If you like, we can forward to you the latest version.
Would you be able to get on a call anytime (you name the time) with our group to speak about the future direction for TM. We are currently in the phase of getting user feedback and your opinion, being from industry will be particularly helpful. Thanks.
Tim Sweeney has been occasionally pinging us or talking about us:
From Jan 29 meeting:
In my view, this is going the wrong way. Here's a summary of reasons, and an alternative path forward.
First, let's recognize that the following topics are closely linked:
- Transactional memory (how do we track all reads and writes to all shared memory?)
- Persistence (how do we allocate, find, persist, and manage data long-term without corruption?)
- Garbage collection (how do we find out what memory is actively being used?)
-
ABI (how do we provide interface and data backwards-compatibility over
multiple program invocations and even across platforms?)
- Reflection (what is the format of all of our data?)
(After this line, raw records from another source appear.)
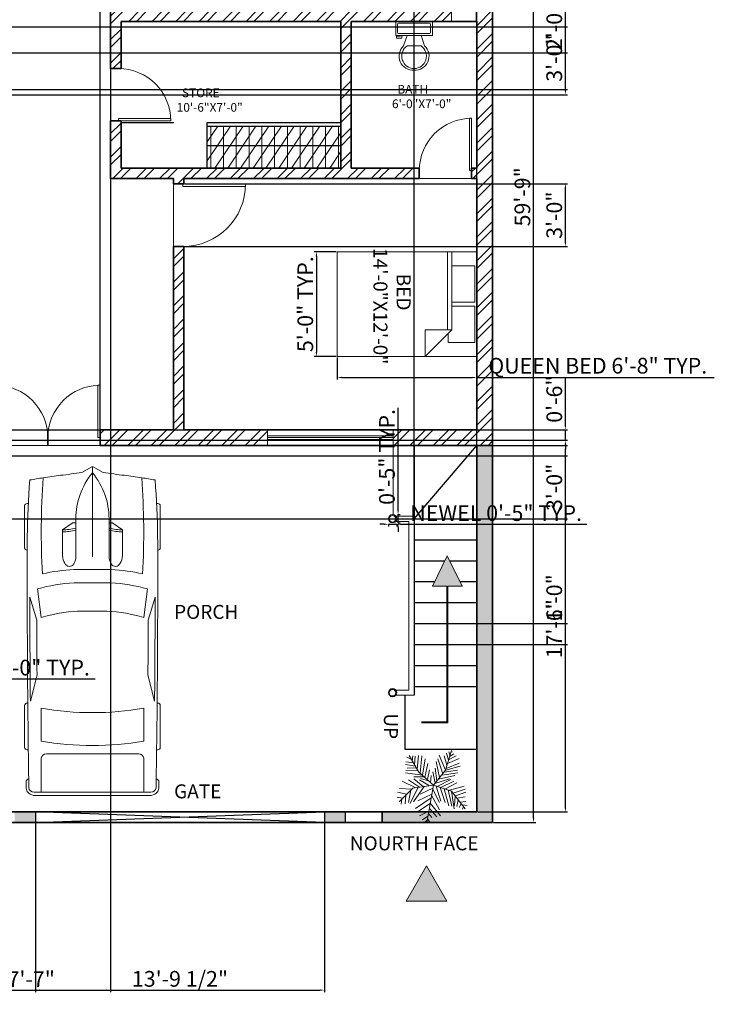
# Model space of a CAD drawing. Units: inches. Extents: x 177 to 1423, y 532 to 2503.
# Tile 3 of 5: x 453 to 852, y 532 to 1096. Entities that reach past the tile are written whole.
import ezdxf

# ---------------------------------------------------------------- set-up
doc = ezdxf.new("R2010")
doc.units = ezdxf.units.IN
for name, color, linetype, lineweight in [('A-ANNO-DIMS', 2, 'Continuous', 18), ('A-ANNO-SYMB', 7, 'Continuous', 18), ('A-ANNO-TEXT', 7, 'Continuous', 18), ('A-AREA-IDEN', 7, 'Continuous', 18), ('A-DOOR', 4, 'Continuous', 18), ('A-FLOR-CASE', 8, 'Continuous', 25), ('A-FLOR-CASE-PATT', 252, 'Continuous', 13), ('A-FLOR-FIXT', 9, 'Continuous', 18), ('A-FLOR-RAIL', 8, 'Continuous', 18), ('A-FLOR-STRS', 7, 'Continuous', 25), ('A-FURN', 8, 'Continuous', 18), ('A-GLAZ', 244, 'Continuous', 18), ('A-SITE-GATE', 244, 'Continuous', 25), ('A-WALL', 7, 'Continuous', 35), ('A-WALL-PATT', 252, 'Continuous', 13), ('C-SITE-VEHI', 9, 'Continuous', 13), ('L-PLNT', 94, 'Continuous', 13)]:
    doc.layers.add(name, color=color, linetype=linetype, lineweight=lineweight)
doc.styles.get("Standard").update_dxf_attribs({"font": 'arial.ttf'})
doc.dimstyles.new('ISO-25', dxfattribs={"dimtxt": 9, "dimasz": 2.5, "dimexe": 1.25, "dimexo": 0.625, "dimtad": 1, "dimlunit": 3, "dimtxsty": 'Standard', "dimcen": 2.5, "dimadec": 0, "dimazin": 0, "dimtfac": 1, "dimtmove": 0, "dimatfit": 3, "dimfxl": 1, "dimarcsym": 0})

# ---------------------------------------------------------------- blocks, each defined once
blk = doc.blocks.new('*U2')
for p, q in [((0, 0), (0, -6)), ((40, 0), (40, -6))]:
    blk.add_line(p, q)
blk.add_lwpolyline([(0, 0), (0, 40), (1.75, 40), (1.75, 0)], close=True)
blk.add_arc((0, 0), 40, 0, 90)
blk = doc.blocks.new('*U5')
for p, q in [((0, 0), (0, -6)), ((-40, 0), (-40, -6))]:
    blk.add_line(p, q)
blk.add_lwpolyline([(0, 0), (0, 40), (-1.75, 40), (-1.75, 0)], close=True)
blk.add_arc((0, 0), 40, 90, 180)
blk = doc.blocks.new('Bed - Queen')
for p, q in [((0, -80.00003), (0, 0)), ((0, 0), (59.99999, 0)), ((59.99999, 0), (59.99999, -80.00003)), ((7.99999, -1.2), (28.79998, -1.2)), ((7.99999, -14.4), (7.99999, -1.2)), ((28.79998, -1.2), (28.79998, -14.4)), ((31.19999, -1.2), (51.99999, -1.2)), ((31.19999, -14.4), (31.19999, -1.2)), ((51.99999, -1.2), (51.99999, -16.4)), ((0, -14.4), (44.8, -14.4)), ((44.8, -16.8), (0, -16.8)), ((59.99999, -29.6), (44.8, -14.4)), ((44.8, -14.4), (44.8, -29.6)), ((51.99999, -16.4), (46.79936, -16.4)), ((44.8, -29.6), (59.99999, -29.6)), ((59.99999, -80.00003), (0, -80.00003))]:
    blk.add_line(p, q)
blk = doc.blocks.new('*U9')
for p, q in [((9.5, -6), (9.5, -2)), ((-10, -8.5), (-8, -8.5)), ((-10, -9.5), (-10, -8.5)), ((-7, -9.5), (-10, -9.5)), ((-8, -8.5), (-8, -8)), ((-7, -8), (-7, -9.5)), ((-4, -8), (-6, -14)), ((4, -8), (6, -14)), ((4, -14), (-4, -14))]:
    blk.add_line(p, q)
blk.add_lwpolyline([(10.5, -8), (10.5, 0), (-10.5, 0), (-10.5, -8)], close=True)
for points in [[(-9.5, -2), (-9.5, -6)], [(8.5, -1), (-8.5, -1)], [(-8.5, -7), (8.5, -7)]]:
    blk.add_lwpolyline(points)
for centre, radius, start, end in [((-8.625, -1.875), 0.8839, 81.8699, 188.1301), ((8.625, -1.875), 0.8839, 351.8699, 98.1301), ((-8.625, -6.125), 0.8839, 171.869898, 278.1301), ((8.625, -6.125), 0.8839, 261.8699, 8.1301), ((-0.4772, -19.9188), 8.0953, 133.01722, 273.38), ((0.0374, -19.8731), 7.127, 124.50543, 269.7), ((-0.0373, -19.8731), 7.127, 270.3, 55.4946), ((0.4773, -19.9188), 8.0953, 266.62, 46.9828)]:
    blk.add_arc(centre, radius, start, end)
blk = doc.blocks.new('*U14')
for p, q in [((21.1, 37.41), (21.1, 36.83)), ((46.55, 38.89), (22.35, 38.89)), ((47.8, 37.39), (47.8, 37.41)), ((87.99, 31.87), (74.76, 35.92)), ((134.31, 35.6), (119.29, 31.78)), ((135.45, 37.07), (135.45, 37.41)), ((136.7, 38.89), (160.9, 38.89)), ((162.15, 37.41), (162.15, 36.77)), ((70.03, 31.54), (86.41, 29.35)), ((138.42, 29.35), (157.25, 29.35)), ((186.47, 29.35), (167.01, 29.35)), ((186.47, -33.5), (186.47, 33.5)), ((188.4, -32.76), (188.4, 32.76)), ((164.52, 26.39), (164.52, -26.39)), ((32.27, 11.63), (36.13, 17.17)), ((36.13, 17.17), (50.94, 17.17)), ((3.27, 6.13), (0.1, 0.41)), ((29.77, 9.51), (51.68, 9.51)), ((32.12, 9.51), (32.12, 11.15)), ((58.92, -10.77), (58.92, 10.77)), ((66.55, -10.53), (66.55, 10.53)), ((82.74, 8.5), (82.74, -8.5)), ((186.47, -10.53), (186.47, 10.53)), ((0, 0), (51.68, 0)), ((0.1, -0.41), (3.27, -6.13)), ((29.77, -9.51), (51.68, -9.51)), ((32.12, -9.51), (32.12, -11.15)), ((32.27, -11.63), (36.13, -17.17)), ((36.13, -17.17), (50.94, -17.17)), ((86.41, -29.35), (70.03, -31.54)), ((87.99, -31.87), (74.76, -35.92)), ((134.31, -35.6), (119.29, -31.78)), ((157.25, -29.35), (138.42, -29.35)), ((167.01, -29.35), (186.47, -29.35)), ((21.1, -37.41), (21.1, -36.83)), ((46.55, -38.89), (22.35, -38.89)), ((47.8, -37.39), (47.8, -37.41)), ((135.45, -37.07), (135.45, -37.41)), ((136.7, -38.89), (160.9, -38.89)), ((162.15, -37.41), (162.15, -36.77))]:
    blk.add_line(p, q)
for centre, major_axis, ratio, start_param, end_param in [((266.03, -27.52), (0, 313.31), 0.842304, 1.367076, 1.39176), ((41.19, -490.86), (0, 528.23), 0.842304, 0.00281, 0.075598), ((22.35, 37.41), (0, -1.48), 0.842304, 3.141593, 4.712389), ((64.48, -10555.62), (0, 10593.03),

There are several different ways that SG5 could approach this topic.
The
current approach is to try to expose transactional memory at the
language level. This is difficult, expensive, not fully orthogonal to
the other topics above. More generally, it seems aloof to the C++ way,
which is to expose general abstractions to programmers so we can
implement specific features. Examples of abstractions include functions
(1960), templates (1990), and reflection (2020?)
My
view is: Give us a great reflection spec, and we'll do the other things
ourselves in libraries. Doing this in libraries would be a good thing
because:
- Developers can experiment and discover what works best, as opposed to mandating a solution that's only roughly prototyped.
-
Designing containers for transactional, persistent, garbage-collected,
binary-forward-compatible containers leads to very different designs
than std.
- New transactional, persistent, garbage-collected
code will need to coexist and interoperate with existing libraries, so
fine-grained control will be needed -- which is natural with a library
solution to these problems, and unnatural with cross-cutting language
features.
- Reflection provides the full toolset needed to
build the features above. Transactions via new templated container
types; persistence via anything from serialization to patching memory to
upgrade versions in-place; garbage collection via metadata; and ABI
compatibility by automatically creating forward-compatible wrappers and
adapters.
A minimalist alternative for SG5 is
to simply bless (via std extensions) the kind of
accelerated-but-not-guaranteed restricted transactional memory of
Intel's TSX and similar related proposals. These are well-understood
low-level features that libraries can build on to implement full
transactional memory and the other things, on an opt-in basis.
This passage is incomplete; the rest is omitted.